That is, as the pulse duty is decreased the pulse intensity increases because of the adjustment in the hydrocarbon concentration. The lean phase duration is fixed at 70 s. Figure 10a shows a nonmonotonic dependence of the cycle-averaged NO2 on the pulse duration. To the right of the maximum the conversion decreases sharply with increasing pulse duration. This reaffirms the dependence of conversion on the pulse concentration (Figure 5). That is, as the pulse duration is increased the hydrocarbon concentration is decreased according to eq 34. As the hydrocarbon pulse concentration approaches around 1%, the demarcation between lean and rich, the conversion drops. To the left of the maximum, the NOx conversion decreases toward a low value as the pulse duration is decreased. Recall that the mechanism for NO2 reduction requires a local temperature rise to effect the release of NO2 from the storage sites and this temperature wave takes some time to travel the monolith and release NOx (Figure 3).
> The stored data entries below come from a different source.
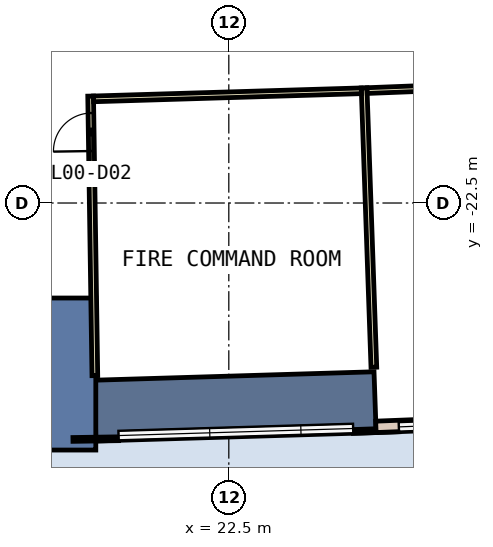
"""IFC4 building model, lengths in metres.
Left out: names, types, materials, properties, quantities, classifications, styles, units other than length and angle.
Written with IfcOpenShell. Run it as: python <this file> out.ifc"""

import sys

from ifc_helpers import new_model, si_unit, direction, frame, frame_2d, origin, place, context, subcontext, project, spatial, polyline, rectangle, outline, extrude, element, fill, save


model = new_model("IFC4")
c1 = context("Model", 3, precision=1e-05, world=origin(), true_north=direction((0.0, 1.0)))
c2 = subcontext(c1, "Body", "Model", "MODEL_VIEW")
j1 = project(units=[si_unit("LENGTHUNIT", "METRE"), si_unit("PLANEANGLEUNIT", "RADIAN")], contexts=[c1])
p1 = place(None, origin())
s1 = spatial("IfcSite", under=j1, at=p1, CompositionType="ELEMENT")
p2 = place(p1, origin())
s2 = spatial("IfcBuilding", under=s1, at=p2, CompositionType="ELEMENT")
p3 = place(p2, origin())
s3 = spatial("IfcBuildingStorey", under=s2, at=p3, CompositionType="ELEMENT", Elevation=0.0)
p4 = place(p3, frame((0.0, 0.0, -0.5)))
e1 = element("IfcWall", 1, at=p4, inside=s3, PredefinedType="SHEAR", context=c2, shape_type="SweptSolid", body=[
    extrude(outline(polyline([(19.0, -28.762), (26.377, -28.54), (26.321, -26.941), (18.976, -27.162), (19.0, -28.762)])), origin(), (0.0, 0.0, 1.0), 9.05),
])
p5 = place(p3, frame((-19.0, -25.0, 34.4), z_axis=(0.0, 1.0, 0.0), x_axis=(1.0, 0.0, 0.0)))
e2 = element("IfcWall", 2, at=p5, inside=s3, PredefinedType="SHEAR", context=c2, shape_type="SweptSolid", body=[
    extrude(outline(polyline([(0.0, 0.0), (38.0, 0.0), (38.0, 34.4), (34.0, 34.4), (34.0, 18.4), (33.062, 14.572), (32.125, 13.075), (31.188, 11.987), (30.25, 11.124), (29.312, 10.412), (28.375, 9.813), (27.438, 9.305), (26.5, 8.874), (25.562, 8.509), (24.625, 8.203), (23.688, 7.951), (22.75, 7.749), (21.812, 7.595), (20.875, 7.486), (19.938, 7.422), (19.0, 7.4), (18.062, 7.422), (17.125, 7.486), (16.188, 7.595), (15.25, 7.749), (14.312, 7.951), (13.375, 8.203), (12.438, 8.509), (11.5, 8.874), (10.562, 9.305), (9.625, 9.813), (8.688, 10.412), (7.75, 11.124), (6.812, 11.987), (5.875, 13.075), (4.938, 14.572), (4.0, 18.4), (4.0, 34.4), (0.0, 34.4), (0.0, 0.0)])), origin(), (0.0, 0.0, -1.0), 4.0),
])
p6 = place(p3, frame((18.399, -28.721, 0.0), z_axis=(0.0, 0.0, 1.0), x_axis=(0.999886724523, 0.015051183404, 0.0)))
e3 = element("IfcWall", 3, at=p6, inside=s3, PredefinedType="STANDARD", context=c2, shape_type="SweptSolid", body=[
    extrude(rectangle(XDim=1.2, YDim=0.1, at=frame_2d((0.6, 0.0))), origin(), (0.0, 0.0, 1.0), 8.55),
])
p7 = place(p3, frame((25.776, -28.511, 0.0), z_axis=(0.0, 0.0, 1.0), x_axis=(0.999387493042, 0.034994838926, 0.0)))
e4 = element("IfcWall", 4, at=p7, inside=s3, PredefinedType="STANDARD", context=c2, shape_type="SweptSolid", body=[
    extrude(rectangle(XDim=1.2, YDim=0.1, at=frame_2d((0.6, 0.0))), origin(), (0.0, 0.0, 1.0), 8.55),
])
p8 = place(p3, frame((32.906, -28.134, 0.0), z_axis=(0.0, 0.0, 1.0), x_axis=(-0.999234642094, -0.039116876654, 0.0)))
e5 = element("IfcWall", 5, at=p8, inside=s3, PredefinedType="STANDARD", context=c2, shape_type="SweptSolid", body=[
    extrude(rectangle(XDim=6.541, YDim=0.3, at=frame_2d((3.271, 0.0))), origin(), (0.0, 0.0, 1.0), 3.0),
])
p9 = place(p8, frame((2.371, 0.0, 0.0)))
e6 = element("IfcOpeningElement", 6, at=p9, cuts=e5, PredefinedType="OPENING", context=c2, shape_type="SweptSolid", body=[
    extrude(rectangle(XDim=1.8, YDim=2.4, at=frame_2d((0.9, 1.2))), frame((0.0, 0.16, 0.0), z_axis=(0.0, -1.0, 0.0), x_axis=(1.0, 0.0, 0.0)), (0.0, 0.0, 1.0), 0.32),
])
p10 = place(p3, frame((26.06, -19.47, 0.0), z_axis=(0.0, 0.0, 1.0), x_axis=(0.034912620967, -0.999390368623, 0.0)))
e7 = element("IfcWall", 7, at=p10, inside=s3, PredefinedType="PARTITIONING", context=c2, shape_type="SweptSolid", body=[
    extrude(rectangle(XDim=7.356, YDim=0.15, at=frame_2d((3.678, 0.0))), origin(), (0.0, 0.0, 1.0), 8.55),
])
p11 = place(p3, frame((18.975, -27.042, 0.0), z_axis=(0.0, 0.0, 1.0), x_axis=(-0.015101510801, 0.999885965684, 0.0)))
e8 = element("IfcWall", 8, at=p11, inside=s3, PredefinedType="PARTITIONING", context=c2, shape_type="SweptSolid", body=[
    extrude(rectangle(XDim=7.356, YDim=0.15, at=frame_2d((3.678, 0.0))), origin(), (0.0, 0.0, 1.0), 8.55),
])
p12 = place(p11, frame((5.91, 0.0, 0.0)))
e9 = element("IfcOpeningElement", 9, at=p12, cuts=e8, PredefinedType="OPENING", context=c2, shape_type="SweptSolid", body=[
    extrude(rectangle(XDim=1.0, YDim=2.1, at=frame_2d((0.5, 1.05))), frame((0.0, 0.085, 0.0), z_axis=(0.0, -1.0, 0.0), x_axis=(1.0, 0.0, 0.0)), (0.0, 0.0, 1.0), 0.17),
])
p13 = place(p3, frame((18.94, -19.76, 0.0), z_axis=(0.0, 0.0, 1.0), x_axis=(0.999544128502, 0.030191640862, 0.0)))
e10 = element("IfcWall", 10, at=p13, inside=s3, PredefinedType="PARTITIONING", context=c2, shape_type="SweptSolid", body=[
    extrude(rectangle(XDim=7.051, YDim=0.15, at=frame_2d((3.526, 0.0))), origin(), (0.0, 0.0, 1.0), 8.55),
])
p14 = place(p3, frame((26.14, -19.542, 0.0), z_axis=(0.0, 0.0, 1.0), x_axis=(0.99924214326, 0.038924788152, 0.0)))
e11 = element("IfcWall", 11, at=p14, inside=s3, PredefinedType="PARTITIONING", context=c2, shape_type="SweptSolid", body=[
    extrude(rectangle(XDim=5.187, YDim=0.15, at=frame_2d((2.594, 0.0))), origin(), (0.0, 0.0, 1.0), 8.55),
])
p15 = place(p12, origin())
e12 = element("IfcDoor", 12, at=p15, inside=s3, OperationType="SINGLE_SWING_LEFT", PredefinedType="DOOR", context=c2, shape_type="SweptSolid", body=[
    extrude(rectangle(XDim=1.0, YDim=2.1, at=frame_2d((0.5, 1.05))), frame((0.0, 0.025, 0.0), z_axis=(0.0, -1.0, 0.0), x_axis=(1.0, 0.0, 0.0)), (0.0, 0.0, 1.0), 0.05),
])
fill(e9, e12)
save(model, sys.argv[1])

A small rich pulse duration is not sufficient to increase the temperature of the monolith and, desorb and react all the NO2 during the pulse, so the NO2 conversion decreases. For a very small pulse duration, there is insufficient time for hydrocarbon to adsorb on platinum sites and ignite the monolith, thus NO2 conversion is very low and the first exit C3H6 spike of Figure 2 is very significant. Figure 10b shows the nonmonotonic behavior of exit unreacted hydrocarbon with pulse duration. For very small pulse duration, unreacted hydrocarbon is very high because there is insufficient time for hydrocarbon to react with oxygen or NO2 in the reactor. Since the total amount of hydrocarbon fed during the pulse is fixed by eq 34, increasing pulse duration gives the hydrocarbon more time to react with either NO2 or oxygen in the reactor, thus decreasing the unreacted reductant at exit. To the right of the minimum, the exit unreacted hydrocarbon increases with pulse duration. This is because the decreased hydrocarbon fraction (according to eq 34) in feed is unable to compete with oxygen for adsorption on platinum sites and react with either NO2 or oxygen.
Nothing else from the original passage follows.